Issue 51 - Interest Rates – the continuing story - May 2009
Interest rates for those with or wanting a home loan are on the rise again.
Given the critical shortage of funds, this is hardly surprising.
In recent months, even large businesses have been hard-pressed to find sufficient funds from the trading banks to simply maintain their levels of borrowing, let alone obtain extra funds for any expansion plans that they may have.
As a result, many have gone directly to the retail investors offering very attractive rates and terms for bonds. With interest rates ranging up to 8%, these issues have been very quickly filled by those who only recently viewed with dismay the plunging returns on their bank deposits.

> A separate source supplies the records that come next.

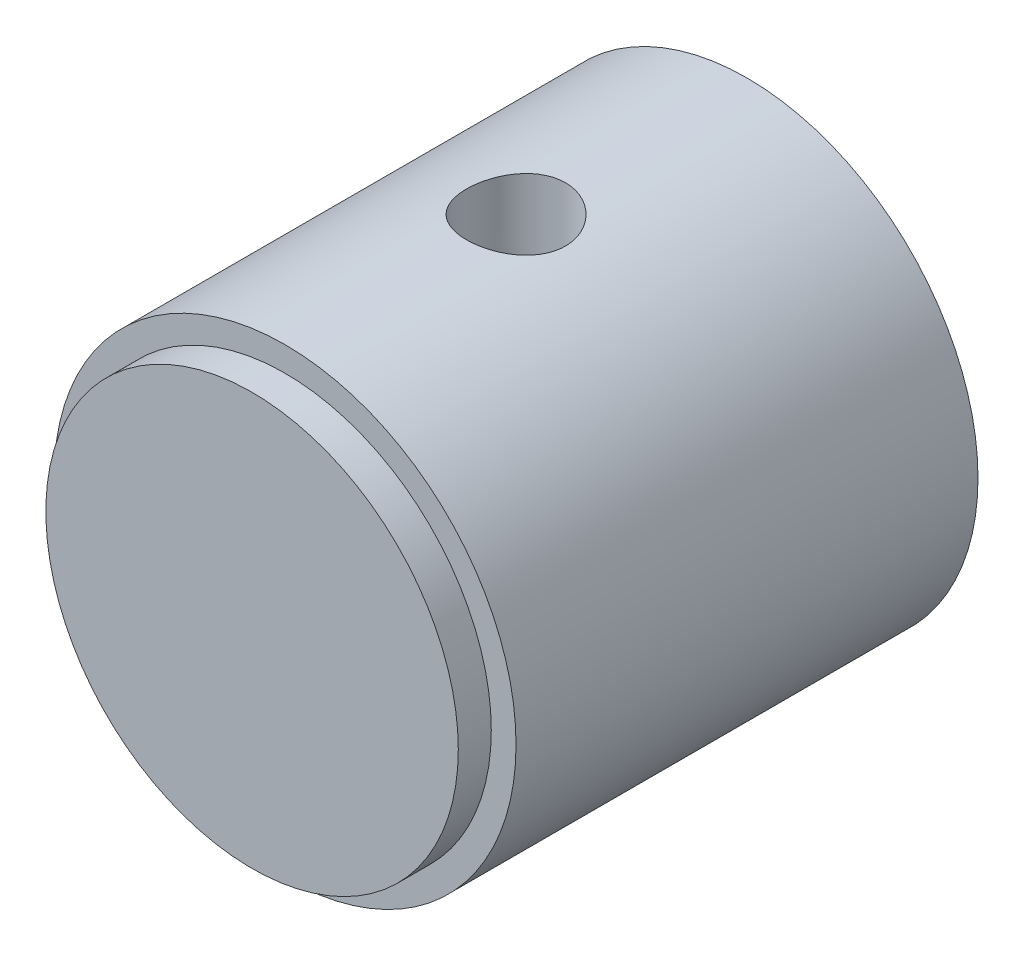
SolidWorks part; units mm, degrees
ref_plane "Front Plane" through (0, 0, 0) normal (0, 0, 1) x (1, 0, 0)
ref_plane "Top Plane" through (0, 0, 0) normal (0, 1, 0) x (1, 0, 0)
ref_plane "Right Plane" through (0, 0, 0) normal (1, 0, 0) x (0, 0, -1)
other "Configuration Table"
sketch "Sketch1" plane through (0, 0, 0) normal (0, 0, 1) x (1, 0, 0)
  circle A0 centre (0, 0) radius 7
  dimension "D1" = 14
extrude "Boss-Extrude1" add sketch "Sketch1" along normal blind 15
sketch "Sketch2" plane through (0, 0, 15) normal (0, 0, 1) x (1, 0, 0)
  circle A0 centre (0, 0) radius 6.25
  circle A1 centre (0, 0) radius 7 construction
  circle A2 centre (0, 0) radius 7
  dimension "D1" = 12.5
extrude "Cut-Extrude1" cut sketch "Sketch2" against normal blind 1
hole_wizard "Ø9.5 (9.5) Diameter Hole1" positions "3DSketch1" profile "Sketch3" hole size "Ø9.5" standard "GB"
sketch3d "3DSketch1"
  point P14 (0, 0, 0)
sketch "Sketch3" plane through (0, 0, 0) normal (1, 0, 0) x (0, 1, 0)
  line L0 (0, 0) -> (0, 13.8541)
  line L1 (0, 13.8541) -> (4.75, 11)
  line L2 (4.75, 11) -> (4.75, 0)
  line L5 (4.75, 0) -> (0, 0)
  line L10 (0, 13.8541) -> (-4.75, 11) construction
  line L11 (0, -6.35) -> (0, 107.95) construction
  dimension "孔直径" = 9.5
  dimension "孔深度" = 11
  dimension "导头角度" = 118
sketch "Sketch4" plane through (0, 0, 0) normal (0, 0, -1) x (-1, 0, 0)
  circle A0 centre (0, 0) radius 6.2
  dimension "D1" = 12.4
extrude "Cut-Extrude2" cut sketch "Sketch4" against normal blind 5 draft 20
sketch "Sketch5" plane through (0, 0, 0) normal (0, 1, 0) x (1, 0, 0)
  line L0 (6.2, 0) -> (-6.2, 0) construction
  circle A0 centre (0, -7) radius 1.5
  dimension "D1" = 3
  dimension "D2" = 7
extrude "Cut-Extrude3" cut sketch "Sketch5" against normal mid plane 20

In consequence of this, the banks have had to increase, to some extent, the return that they were offering on deposits with them which has, in turn, increased their cost of borrowing within New Zealand.
Further to this, ANZ National recently borrowed $1.0 billion (U.S.), using the N.Z. Government’s guarantee scheme to enable it to secure the funding. The interest rate mentioned in respect of the borrowing, it is reported as being ‘very costly’ and above the rate at which funds are being on-lent to home owners. On top of that, of course, the bank has to pay the Government a fee for issuing the guarantee. (Until the N.Z. scheme’s charges came more into line with Australia’s, no-one had availed themselves of the facility. Now that charges are closer, the guarantee is beginning to work the way it was intended.)
So – what should aspiring home-owners do?
Should they wait for interest rates to come down again or should they buy now?
I think that the most important things to think about are the reasons for buying a home in the first place. Reasons such as security of tenure, pride of ownership, ownership of an asset that over time, will grow. Most of all, peace of mind in the years ahead when you will be living there mortgage free.
As to the interest rates, I would tend to think of it like this:
The most likely result of someone buying a home will be having a home loan for, say, twenty-five years. During the term of the loan, it is likely that a whole range of interest rates is going to be encountered. If it is a floating rate it will, naturally, rise and fall with the interest tide; if it is fixed, it will be so only until the next review, at which stage it may move up or down.
Given the above, what matter if, when buying a home, the prevailing interest rate is a little more than you would like? On a $300,000 loan, the maximum amount of extra interest that would be payable over one year, with a 0.25% increase in interest, would be $750.00 – about $2.00 a day.
Ideally, borrowings should never be made on the basis of borrowers having to strain their finances to the utmost, to be able to pay the fortnightly or monthly loan repayments. What may be tolerable for a short time can very rapidly become intolerable if there is no cash left over for a little fun. Far better to wait until a bigger deposit has been saved, than over-burden yourself with high debt repayments.
Of course one of the things that many home-buyers do is buy a home that is far too big for their current needs – or even their foreseeable future needs. I suspect that this is sometimes to impress friends and family rather than to provide for the accommodation needs of the immediate family. This is a little like leasing an expensive car just because it is known to be expensive – it impresses.
Too expensive a house or too expensive a car will impress – but at what cost? Would you rather appear not well off, but lead a comfortable life or appear to be rich, but spend all your time scratching and scraping along because of high debt levels? I know where I would rather be!
It seems to me, therefore, that the best way to go now, for a lot of aspiring home-buyers, is to buy now if you can. With the volumes of ex-patriots returning to New Zealand, my feeling is that the present prices may not last for more than a few months. When you are buying, however, buy something that you can afford now and at least get a foot on the property ladder. So, the suburb may not be your ideal, the property may not have all the features that you would like – but it will become a home to you. Later, when you have more disposable income, will be the time to go for that better suburb, the bigger home.
Finally, it would be a good idea to structure your home loan so that you have (for example) part of it on a fixed (longer) term, part fixed on a shorter term and some on a floating rate. The advantage with this arrangement is that you place in the ‘floating rate’ portion, that part of the loan that you may wish to repay earlier, but at your discretion, should you have some funds left after paying all your current outgoings.